Dénonçant un billet "totalement mensonger", la préfecture des Pyrénées-Atlantiques a démenti, ainsi que la direction de l'usine, selon Le Point.

• Août 2008 et août 2009 : Morano et Chatel en précurseurs

Le 20 août 2008, Nadine Morano, à l'époque secrétaire d'Etat à la Famille, est en visite à Marseille. Pour le lancement de la nouvelle allocation de rentrée scolaire, la voilà dans un rayon de fournitures scolaires d'un hypermarché Carrefour.

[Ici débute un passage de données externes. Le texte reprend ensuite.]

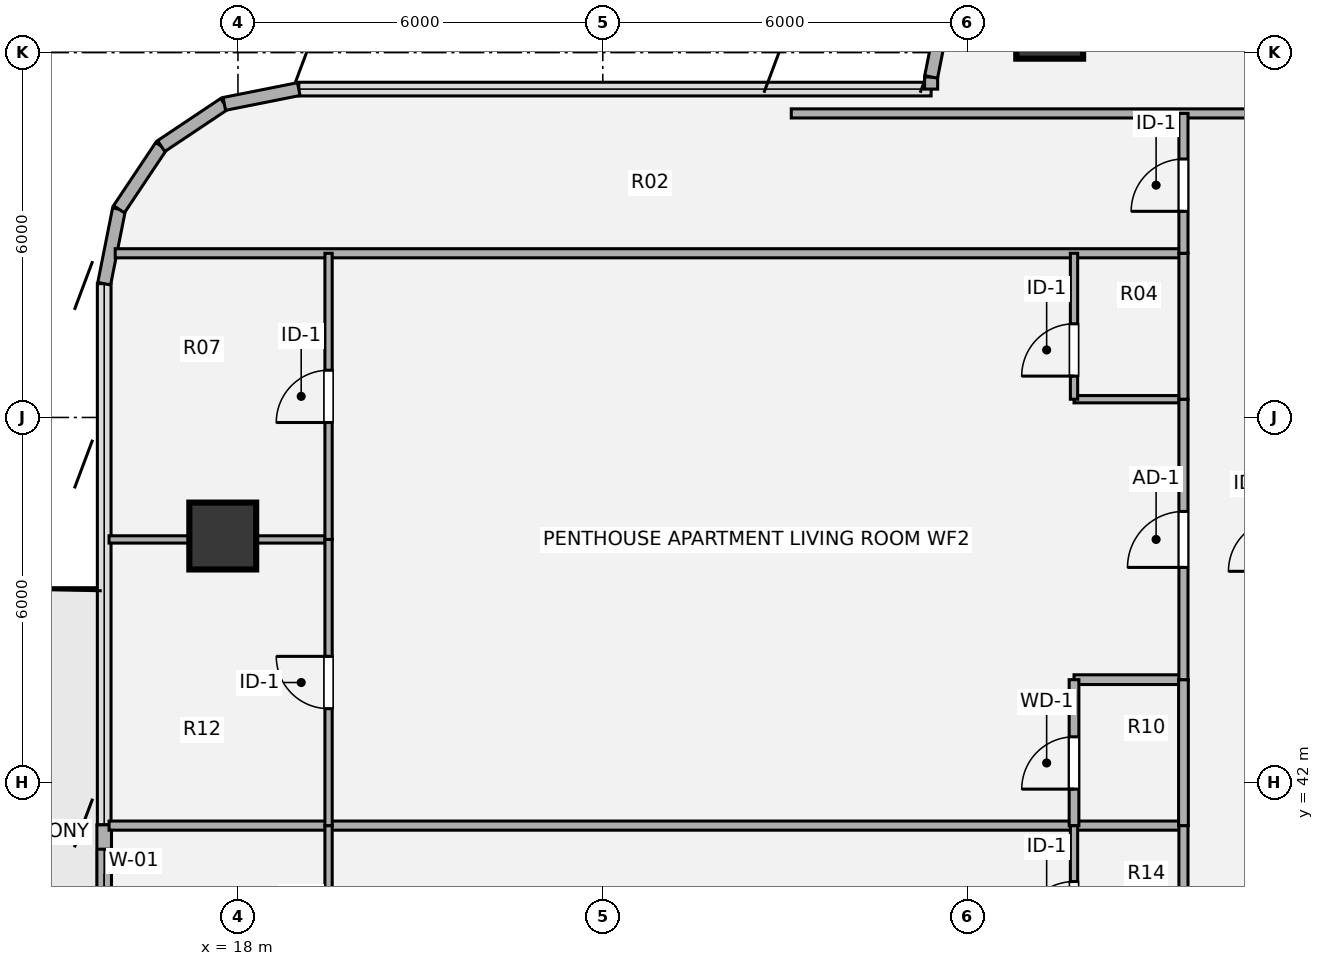
"""IFC4 building model, lengths in metres.
Left out: names, types, materials, properties, quantities, classifications, styles, units other than length and angle.
Written with IfcOpenShell. Run it as: python <this file> out.ifc"""

import sys

from ifc_helpers import new_model, si_unit, direction, frame, frame_2d, origin, origin_2d, place, context, subcontext, project, spatial, rectangle, hollow_circle, extrude, source, transform, mapped, element, fill, save


model = new_model("IFC4")
c1 = context("Model", 3, precision=1e-05, world=origin(), true_north=direction((0.0, 1.0)))
c2 = subcontext(c1, "Body", "Model", "MODEL_VIEW")
j1 = project(units=[si_unit("LENGTHUNIT", "METRE"), si_unit("PLANEANGLEUNIT", "RADIAN")], contexts=[c1])
p1 = place(None, origin())
s1 = spatial("IfcSite", under=j1, at=p1, CompositionType="ELEMENT")
p2 = place(p1, origin())
s2 = spatial("IfcBuilding", under=s1, at=p2, CompositionType="ELEMENT")
p3 = place(p2, frame((0.0, 0.0, 156.42)))
s3 = spatial("IfcBuildingStorey", under=s2, at=p3, CompositionType="ELEMENT", Elevation=156.42)
m1 = source(origin(), c2, "Body", "SweptSolid", [
    extrude(hollow_circle(Radius=0.55, WallThickness=0.04, at=origin_2d()), origin(), (0.0, 0.0, 1.0), 3.78),
])
for number, where, z_axis, x_axis in (
    (1, (17.75, 46.05, 0.0), (0.0, 0.0, 1.0), (1.0, 0.0, 0.0)),
    (2, (31.35, 54.45, 0.0), (0.0, 0.0, 1.0), (1.0, 0.0, 0.0)),
):
    element("IfcColumn", number, at=place(p3, frame(where, z_axis=z_axis, x_axis=x_axis)), inside=s3, PredefinedType="COLUMN", context=c2, shape_type="MappedRepresentation", body=[
        mapped(m1, transform((0.0, 0.0, 0.0), x_axis=(1.0, 0.0, 0.0), y_axis=(0.0, 1.0, 0.0), z_axis=(0.0, 0.0, 1.0), scale=1.0)),
    ])
p4 = place(p3, frame((15.8, 37.7, 0.0), z_axis=(0.0, 0.0, 1.0), x_axis=(0.0, 1.0, 0.0)))
e3 = element("IfcWall", 3, at=p4, inside=s3, PredefinedType="SOLIDWALL", context=c2, shape_type="SweptSolid", body=[
    extrude(rectangle(XDim=3.6, YDim=0.24, at=frame_2d((1.8, 0.0))), origin(), (0.0, 0.0, 1.0), 3.53),
])
p5 = place(p4, frame((0.4, 0.0, 0.0)))
e4 = element("IfcOpeningElement", 4, at=p5, cuts=e3, PredefinedType="OPENING", context=c2, shape_type="SweptSolid", body=[
    extrude(rectangle(XDim=1.05, YDim=2.15, at=origin_2d()), frame((0.525, 0.13, 1.075), z_axis=(0.0, -1.0, 0.0), x_axis=(1.0, 0.0, 0.0)), (0.0, 0.0, 1.0), 0.26),
])
p6 = place(p4, frame((1.85, 0.0, 0.85)))
e5 = element("IfcOpeningElement", 5, at=p6, cuts=e3, PredefinedType="OPENING", context=c2, shape_type="SweptSolid", body=[
    extrude(rectangle(XDim=1.35, YDim=1.35, at=origin_2d()), frame((0.675, 0.13, 0.675), z_axis=(0.0, -1.0, 0.0), x_axis=(1.0, 0.0, 0.0)), (0.0, 0.0, 1.0), 0.26),
])
for number, where, z_axis, x_axis in (
    (6, (15.8, 50.2, 0.0), (0.0, 0.0, 1.0), (0.195, 0.981, 0.0)),
    (7, (16.044, 51.425, 0.0), (0.0, 0.0, 1.0), (0.556, 0.831, 0.0)),
    (8, (16.737, 52.463, 0.0), (0.0, 0.0, 1.0), (0.831, 0.556, 0.0)),
    (9, (17.775, 53.156, 0.0), (0.0, 0.0, 1.0), (0.981, 0.195, 0.0)),
):
    element("IfcWall", number, at=place(p3, frame(where, z_axis=z_axis, x_axis=x_axis)), inside=s3, PredefinedType="SOLIDWALL", context=c2, shape_type="SweptSolid", body=[
        extrude(rectangle(XDim=1.249, YDim=0.215, at=frame_2d((0.624, 0.0))), origin(), (0.0, 0.0, 1.0), 3.53),
    ])
p7 = place(p3, frame((29.4, 53.4, 0.0), z_axis=(0.0, 0.0, 1.0), x_axis=(0.0, 1.0, 0.0)))
e10 = element("IfcWall", 10, at=p7, inside=s3, PredefinedType="SOLIDWALL", context=c2, shape_type="SweptSolid", body=[
    extrude(rectangle(XDim=0.2, YDim=0.215, at=frame_2d((0.1, 0.0))), origin(), (0.0, 0.0, 1.0), 3.53),
])
p8 = place(p3, frame((29.4, 53.6, 0.0), z_axis=(0.0, 0.0, 1.0), x_axis=(0.195127417394, 0.980777900945, 0.0)))
e11 = element("IfcWall", 11, at=p8, inside=s3, PredefinedType="SOLIDWALL", context=c2, shape_type="SweptSolid", body=[
    extrude(rectangle(XDim=1.092, YDim=0.215, at=frame_2d((0.546, 0.0))), origin(), (0.0, 0.0, 1.0), 3.53),
])
p9 = place(p3, frame((15.88, 41.288, 0.0), z_axis=(0.0, 0.0, 1.0), x_axis=(1.0, 0.0, 0.0)))
e12 = element("IfcWall", 12, at=p9, inside=s3, PredefinedType="PARTITIONING", context=c2, shape_type="SweptSolid", body=[
    extrude(rectangle(XDim=17.67, YDim=0.15, at=frame_2d((8.835, 0.0))), origin(), (0.0, 0.0, 1.0), 2.982),
])
p10 = place(p3, frame((31.75, 43.688, 0.0), z_axis=(0.0, 0.0, 1.0), x_axis=(1.0, 0.0, 0.0)))
e13 = element("IfcWall", 13, at=p10, inside=s3, PredefinedType="PLUMBINGWALL", context=c2, shape_type="SweptSolid", body=[
    extrude(rectangle(XDim=1.8, YDim=0.16, at=frame_2d((0.9, 0.0))), origin(), (0.0, 0.0, 1.0), 3.259),
])
p11 = place(p3, frame((15.88, 45.994, 0.0), z_axis=(0.0, 0.0, 1.0), x_axis=(1.0, 0.0, 0.0)))
e14 = element("IfcWall", 14, at=p11, inside=s3, PredefinedType="PARTITIONING", context=c2, shape_type="SweptSolid", body=[
    extrude(rectangle(XDim=3.61, YDim=0.12, at=frame_2d((1.805, 0.0))), origin(), (0.0, 0.0, 1.0), 2.903),
])
p12 = place(p3, frame((31.75, 48.3, 0.0), z_axis=(0.0, 0.0, 1.0), x_axis=(1.0, 0.0, 0.0)))
e15 = element("IfcWall", 15, at=p12, inside=s3, PredefinedType="PARTITIONING", context=c2, shape_type="SweptSolid", body=[
    extrude(rectangle(XDim=1.8, YDim=0.12, at=frame_2d((0.9, 0.0))), origin(), (0.0, 0.0, 1.0), 3.259),
])
p13 = place(p3, frame((15.981, 50.7, 0.0), z_axis=(0.0, 0.0, 1.0), x_axis=(1.0, 0.0, 0.0)))
e16 = element("IfcWall", 16, at=p13, inside=s3, PredefinedType="PARTITIONING", context=c2, shape_type="SweptSolid", body=[
    extrude(rectangle(XDim=17.569, YDim=0.15, at=frame_2d((8.785, 0.0))), origin(), (0.0, 0.0, 1.0), 3.308),
])
p14 = place(p3, frame((27.1, 53.0, 0.0), z_axis=(0.0, 0.0, 1.0), x_axis=(1.0, 0.0, 0.0)))
e17 = element("IfcWall", 17, at=p14, inside=s3, PredefinedType="PARTITIONING", context=c2, shape_type="SweptSolid", body=[
    extrude(rectangle(XDim=17.8, YDim=0.15, at=frame_2d((8.9, 0.0))), origin(), (0.0, 0.0, 1.0), 3.308),
])
p15 = place(p14, frame((8.375, 0.0, 0.0)))
e18 = element("IfcOpeningElement", 18, at=p15, cuts=e17, PredefinedType="OPENING", context=c2, shape_type="SweptSolid", body=[
    extrude(rectangle(XDim=1.05, YDim=2.1, at=origin_2d()), frame((0.525, 0.085, 1.05), z_axis=(0.0, -1.0, 0.0), x_axis=(1.0, 0.0, 0.0)), (0.0, 0.0, 1.0), 0.17),
])
p16 = place(p3, frame((19.49, 36.944, 0.0), z_axis=(0.0, 0.0, 1.0), x_axis=(0.0, 1.0, 0.0)))
e19 = element("IfcWall", 19, at=p16, inside=s3, PredefinedType="PARTITIONING", context=c2, shape_type="SweptSolid", body=[
    extrude(rectangle(XDim=4.344, YDim=0.12, at=frame_2d((2.172, 0.0))), origin(), (0.0, 0.0, 1.0), 3.5),
])
p17 = place(p16, frame((1.742, 0.0, 0.0)))
e20 = element("IfcOpeningElement", 20, at=p17, cuts=e19, PredefinedType="OPENING", context=c2, shape_type="SweptSolid", body=[
    extrude(rectangle(XDim=0.86, YDim=2.1, at=origin_2d()), frame((0.43, 0.07, 1.05), z_axis=(0.0, -1.0, 0.0), x_axis=(1.0, 0.0, 0.0)), (0.0, 0.0, 1.0), 0.14),
])
p18 = place(p3, frame((19.49, 41.288, 0.0), z_axis=(0.0, 0.0, 1.0), x_axis=(0.0, 1.0, 0.0)))
e21 = element("IfcWall", 21, at=p18, inside=s3, PredefinedType="PARTITIONING", context=c2, shape_type="SweptSolid", body=[
    extrude(rectangle(XDim=4.706, YDim=0.12, at=frame_2d((2.353, 0.0))), origin(), (0.0, 0.0, 1.0), 3.5),
])
p19 = place(p18, frame((1.923, 0.0, 0.0)))
e22 = element("IfcOpeningElement", 22, at=p19, cuts=e21, PredefinedType="OPENING", context=c2, shape_type="SweptSolid", body=[
    extrude(rectangle(XDim=0.86, YDim=2.1, at=origin_2d()), frame((0.43, 0.07, 1.05), z_axis=(0.0, -1.0, 0.0), x_axis=(1.0, 0.0, 0.0)), (0.0, 0.0, 1.0), 0.14),
])
p20 = place(p3, frame((19.49, 45.994, 0.0), z_axis=(0.0, 0.0, 1.0), x_axis=(0.0, 1.0, 0.0)))
e23 = element("IfcWall", 23, at=p20, inside=s3, PredefinedType="PARTITIONING", context=c2, shape_type="SweptSolid", body=[
    extrude(rectangle(XDim=4.706, YDim=0.12, at=frame_2d((2.353, 0.0))), origin(), (0.0, 0.0, 1.0), 3.5),
])
p21 = place(p20, frame((1.923, 0.0, 0.0)))
e24 = element("IfcOpeningElement", 24, at=p21, cuts=e23, PredefinedType="OPENING", context=c2, shape_type="SweptSolid", body=[
    extrude(rectangle(XDim=0.86, YDim=2.1, at=origin_2d()), frame((0.43, 0.07, 1.05), z_axis=(0.0, -1.0, 0.0), x_axis=(1.0, 0.0, 0.0)), (0.0, 0.0, 1.0), 0.14),
])
p22 = place(p3, frame((31.75, 38.888, 0.0), z_axis=(0.0, 0.0, 1.0), x_axis=(0.0, 1.0, 0.0)))
e25 = element("IfcWall", 25, at=p22, inside=s3, PredefinedType="PARTITIONING", context=c2, shape_type="SweptSolid", body=[
    extrude(rectangle(XDim=2.4, YDim=0.12, at=frame_2d((1.2, 0.0))), origin(), (0.0, 0.0, 1.0), 3.5),
])
p23 = place(p22, frame((0.62, 0.0, 0.0)))
e26 = element("IfcOpeningElement", 26, at=p23, cuts=e25, PredefinedType="OPENING", context=c2, shape_type="SweptSolid", body=[
    extrude(rectangle(XDim=0.86, YDim=2.1, at=origin_2d()), frame((0.43, 0.07, 1.05), z_axis=(0.0, -1.0, 0.0), x_axis=(1.0, 0.0, 0.0)), (0.0, 0.0, 1.0), 0.14),
])
p24 = place(p3, frame((31.75, 41.288, 0.0), z_axis=(0.0, 0.0, 1.0), x_axis=(0.0, 1.0, 0.0)))
e27 = element("IfcWall", 27, at=p24, inside=s3, PredefinedType="PLUMBINGWALL", context=c2, shape_type="SweptSolid", body=[
    extrude(rectangle(XDim=2.4, YDim=0.16, at=frame_2d((1.2, 0.0))), origin(), (0.0, 0.0, 1.0), 3.5),
])
p25 = place(p24, frame((0.6, 0.0, 0.0)))
e28 = element("IfcOpeningElement", 28, at=p25, cuts=e27, PredefinedType="OPENING", context=c2, shape_type="SweptSolid", body=[
    extrude(rectangle(XDim=0.86, YDim=2.1, at=origin_2d()), frame((0.43, 0.09, 1.05), z_axis=(0.0, -1.0, 0.0), x_axis=(1.0, 0.0, 0.0)), (0.0, 0.0, 1.0), 0.18),
])
p26 = place(p3, frame((31.75, 48.3, 0.0), z_axis=(0.0, 0.0, 1.0), x_axis=(0.0, 1.0, 0.0)))
e29 = element("IfcWall", 29, at=p26, inside=s3, PredefinedType="PARTITIONING", context=c2, shape_type="SweptSolid", body=[
    extrude(rectangle(XDim=2.4, YDim=0.12, at=frame_2d((1.2, 0.0))), origin(), (0.0, 0.0, 1.0), 3.5),
])
p27 = place(p26, frame((0.38, 0.0, 0.0)))
e30 = element("IfcOpeningElement", 30, at=p27, cuts=e29, PredefinedType="OPENING", context=c2, shape_type="SweptSolid", body=[
    extrude(rectangle(XDim=0.86, YDim=2.1, at=origin_2d()), frame((0.43, 0.07, 1.05), z_axis=(0.0, -1.0, 0.0), x_axis=(1.0, 0.0, 0.0)), (0.0, 0.0, 1.0), 0.14),
])
p28 = place(p3, frame((33.55, 38.888, 0.0), z_axis=(0.0, 0.0, 1.0), x_axis=(0.0, 1.0, 0.0)))
e31 = element("IfcWall", 31, at=p28, inside=s3, PredefinedType="PARTITIONING", context=c2, shape_type="SweptSolid", body=[
    extrude(rectangle(XDim=2.4, YDim=0.15, at=frame_2d((1.2, 0.0))), origin(), (0.0, 0.0, 1.0), 3.5),
])
p29 = place(p3, frame((33.55, 41.288, 0.0), z_axis=(0.0, 0.0, 1.0), x_axis=(0.0, 1.0, 0.0)))
e32 = element("IfcWall", 32, at=p29, inside=s3, PredefinedType="PLUMBINGWALL", context=c2, shape_type="SweptSolid", body=[
    extrude(rectangle(XDim=2.4, YDim=0.16, at=frame_2d((1.2, 0.0))), origin(), (0.0, 0.0, 1.0), 3.5),
])
p30 = place(p3, frame((33.55, 43.688, 0.0), z_axis=(0.0, 0.0, 1.0), x_axis=(0.0, 1.0, 0.0)))
e33 = element("IfcWall", 33, at=p30, inside=s3, PredefinedType="PARTITIONING", context=c2, shape_type="SweptSolid", body=[
    extrude(rectangle(XDim=4.612, YDim=0.15, at=frame_2d((2.306, 0.0))), origin(), (0.0, 0.0, 1.0), 3.5),
])
p31 = place(p30, frame((1.846, 0.0, 0.0)))
e34 = element("IfcOpeningElement", 34, at=p31, cuts=e33, PredefinedType="OPENING", context=c2, shape_type="SweptSolid", body=[
    extrude(rectangle(XDim=0.92, YDim=2.1, at=origin_2d()), frame((0.46, 0.085, 1.05), z_axis=(0.0, -1.0, 0.0), x_axis=(1.0, 0.0, 0.0)), (0.0, 0.0, 1.0), 0.17),
])
p32 = place(p3, frame((33.55, 48.3, 0.0), z_axis=(0.0, 0.0, 1.0), x_axis=(0.0, 1.0, 0.0)))
e35 = element("IfcWall", 35, at=p32, inside=s3, PredefinedType="PARTITIONING", context=c2, shape_type="SweptSolid", body=[
    extrude(rectangle(XDim=2.4, YDim=0.15, at=frame_2d((1.2, 0.0))), origin(), (0.0, 0.0, 1.0), 3.5),
])
p33 = place(p3, frame((33.55, 50.7, 0.0), z_axis=(0.0, 0.0, 1.0), x_axis=(0.0, 1.0, 0.0)))
e36 = element("IfcWall", 36, at=p33, inside=s3, PredefinedType="PARTITIONING", context=c2, shape_type="SweptSolid", body=[
    extrude(rectangle(XDim=2.3, YDim=0.15, at=frame_2d((1.15, 0.0))), origin(), (0.0, 0.0, 1.0), 3.5),
])
p34 = place(p33, frame((0.69, 0.0, 0.0)))
e37 = element("IfcOpeningElement", 37, at=p34, cuts=e36, PredefinedType="OPENING", context=c2, shape_type="SweptSolid", body=[
    extrude(rectangle(XDim=0.86, YDim=2.1, at=origin_2d()), frame((0.43, 0.085, 1.05), z_axis=(0.0, -1.0, 0.0), x_axis=(1.0, 0.0, 0.0)), (0.0, 0.0, 1.0), 0.17),
])
m2 = source(origin(), c2, "Body", "SweptSolid", [
    extrude(rectangle(XDim=1.35, YDim=1.35, at=origin_2d()), frame((0.675, 0.03, 0.675), z_axis=(0.0, -1.0, 0.0), x_axis=(1.0, 0.0, 0.0)), (0.0, 0.0, 1.0), 0.06),
])
p35 = place(p6, origin())
e38 = element("IfcWindow", 38, at=p35, inside=s3, PartitioningType="SINGLE_PANEL", PredefinedType="WINDOW", context=c2, shape_type="MappedRepresentation", body=[
    mapped(m2, transform((0.0, 0.0, 0.0), x_axis=(1.0, 0.0, 0.0), y_axis=(0.0, 1.0, 0.0), z_axis=(0.0, 0.0, 1.0), scale=1.0)),
])
fill(e5, e38)
m3 = source(origin(), c2, "Body", "SweptSolid", [
    extrude(rectangle(XDim=0.86, YDim=2.1, at=origin_2d()), frame((0.43, 0.025, 1.05), z_axis=(0.0, -1.0, 0.0), x_axis=(1.0, 0.0, 0.0)), (0.0, 0.0, 1.0), 0.05),
])
p36 = place(p19, origin())
e39 = element("IfcDoor", 39, at=p36, inside=s3, OperationType="SINGLE_SWING_RIGHT", PredefinedType="DOOR", context=c2, shape_type="MappedRepresentation", body=[
    mapped(m3, transform((0.0, 0.0, 0.0), x_axis=(1.0, 0.0, 0.0), y_axis=(0.0, 1.0, 0.0), z_axis=(0.0, 0.0, 1.0), scale=1.0)),
])
fill(e22, e39)
p37 = place(p21, origin())
e40 = element("IfcDoor", 40, at=p37, inside=s3, OperationType="SINGLE_SWING_LEFT", PredefinedType="DOOR", context=c2, shape_type="MappedRepresentation", body=[
    mapped(m3, transform((0.0, 0.0, 0.0), x_axis=(1.0, 0.0, 0.0), y_axis=(0.0, 1.0, 0.0), z_axis=(0.0, 0.0, 1.0), scale=1.0)),
])
fill(e24, e40)
p38 = place(p23, origin())
e41 = element("IfcDoor", 41, at=p38, inside=s3, OperationType="SINGLE_SWING_LEFT", PredefinedType="DOOR", context=c2, shape_type="MappedRepresentation", body=[
    mapped(m3, transform((0.0, 0.0, 0.0), x_axis=(1.0, 0.0, 0.0), y_axis=(0.0, 1.0, 0.0), z_axis=(0.0, 0.0, 1.0), scale=1.0)),
])
fill(e26, e41)
m4 = source(origin(), c2, "Body", "SweptSolid", [
    extrude(rectangle(XDim=0.86, YDim=2.1, at=origin_2d()), frame((0.43, 0.025, 1.05), z_axis=(0.0, -1.0, 0.0), x_axis=(1.0, 0.0, 0.0)), (0.0, 0.0, 1.0), 0.05),
])
p39 = place(p25, origin())
e42 = element("IfcDoor", 42, at=p39, inside=s3, OperationType="SINGLE_SWING_LEFT", PredefinedType="DOOR", context=c2, shape_type="MappedRepresentation", body=[
    mapped(m4, transform((0.0, 0.0, 0.0), x_axis=(1.0, 0.0, 0.0), y_axis=(0.0, 1.0, 0.0), z_axis=(0.0, 0.0, 1.0), scale=1.0)),
])
fill(e28, e42)
p40 = place(p27, origin())
e43 = element("IfcDoor", 43, at=p40, inside=s3, OperationType="SINGLE_SWING_LEFT", PredefinedType="DOOR", context=c2, shape_type="MappedRepresentation", body=[
    mapped(m3, transform((0.0, 0.0, 0.0), x_axis=(1.0, 0.0, 0.0), y_axis=(0.0, 1.0, 0.0), z_axis=(0.0, 0.0, 1.0), scale=1.0)),
])
fill(e30, e43)
m5 = source(origin(), c2, "Body", "SweptSolid", [
    extrude(rectangle(XDim=0.92, YDim=2.1, at=origin_2d()), frame((0.46, 0.025, 1.05), z_axis=(0.0, -1.0, 0.0), x_axis=(1.0, 0.0, 0.0)), (0.0, 0.0, 1.0), 0.05),
])
p41 = place(p31, origin())
e44 = element("IfcDoor", 44, at=p41, inside=s3, OperationType="SINGLE_SWING_LEFT", PredefinedType="DOOR", context=c2, shape_type="MappedRepresentation", body=[
    mapped(m5, transform((0.0, 0.0, 0.0), x_axis=(1.0, 0.0, 0.0), y_axis=(0.0, 1.0, 0.0), z_axis=(0.0, 0.0, 1.0), scale=1.0)),
])
fill(e34, e44)
p42 = place(p34, origin())
e45 = element("IfcDoor", 45, at=p42, inside=s3, OperationType="SINGLE_SWING_LEFT", PredefinedType="DOOR", context=c2, shape_type="MappedRepresentation", body=[
    mapped(m3, transform((0.0, 0.0, 0.0), x_axis=(1.0, 0.0, 0.0), y_axis=(0.0, 1.0, 0.0), z_axis=(0.0, 0.0, 1.0), scale=1.0)),
])
fill(e37, e45)
save(model, sys.argv[1])

Devant les médias, son directeur ajoint de cabinet lui présente un père de famille heureux. Il affirme, selon Rue 89, "que les prix des fournitures scolaires sont plutôt en baisse, que le coût de la rentrée est correct, que les enseignants ont fait des efforts sur les listes de fournitures"... Un "bon client" dénommé Bruno Sangline, premier adjoint UMP du maire de Bouc-Bel-Air (Bouches-du-Rhône) en charge de la petite enfance et des affaires scolaires. 

Autre histoire de fournitures scolaires, le 17 août 2009 à l'Intermarché de Villeneuve-le-Roi (Val-de-Marne). Le ministre du jour est Luc Chatel, chargé de l'Education nationale. Il rencontre une "cliente" qui se réjouit des "prix intéressants". Cette femme, comptable à la centrale d'Intermarché, s'appelle Virginie Meyniel et est conseillère municipale de Vulaines-sur-Seine (Seine-et-Marne), rapporte alors Rue 89.


• Dans le rétro : Mitterrand et Stirn aussi

La mise en scène politique ne date pas du XXIsiècle. Slate rappelle que François Mitterrand "aurait commandité un faux attentat" en 1959 à l'Observatoire de Paris "pour mettre en scène sa bravoure devant le danger, ou au moins aurait eu vent d'une tentative d'assassinat qu'il a su utiliser pour améliorer son image"

Le site évoque également le "coup monté qui valut à Olivier Stirn", ministre du Tourisme du gouvernement Rocard en 1990, "de devoir arrêter une carrière brillante d'opportunisme politique (...) en faisant remplir de figurants une salle de meeting".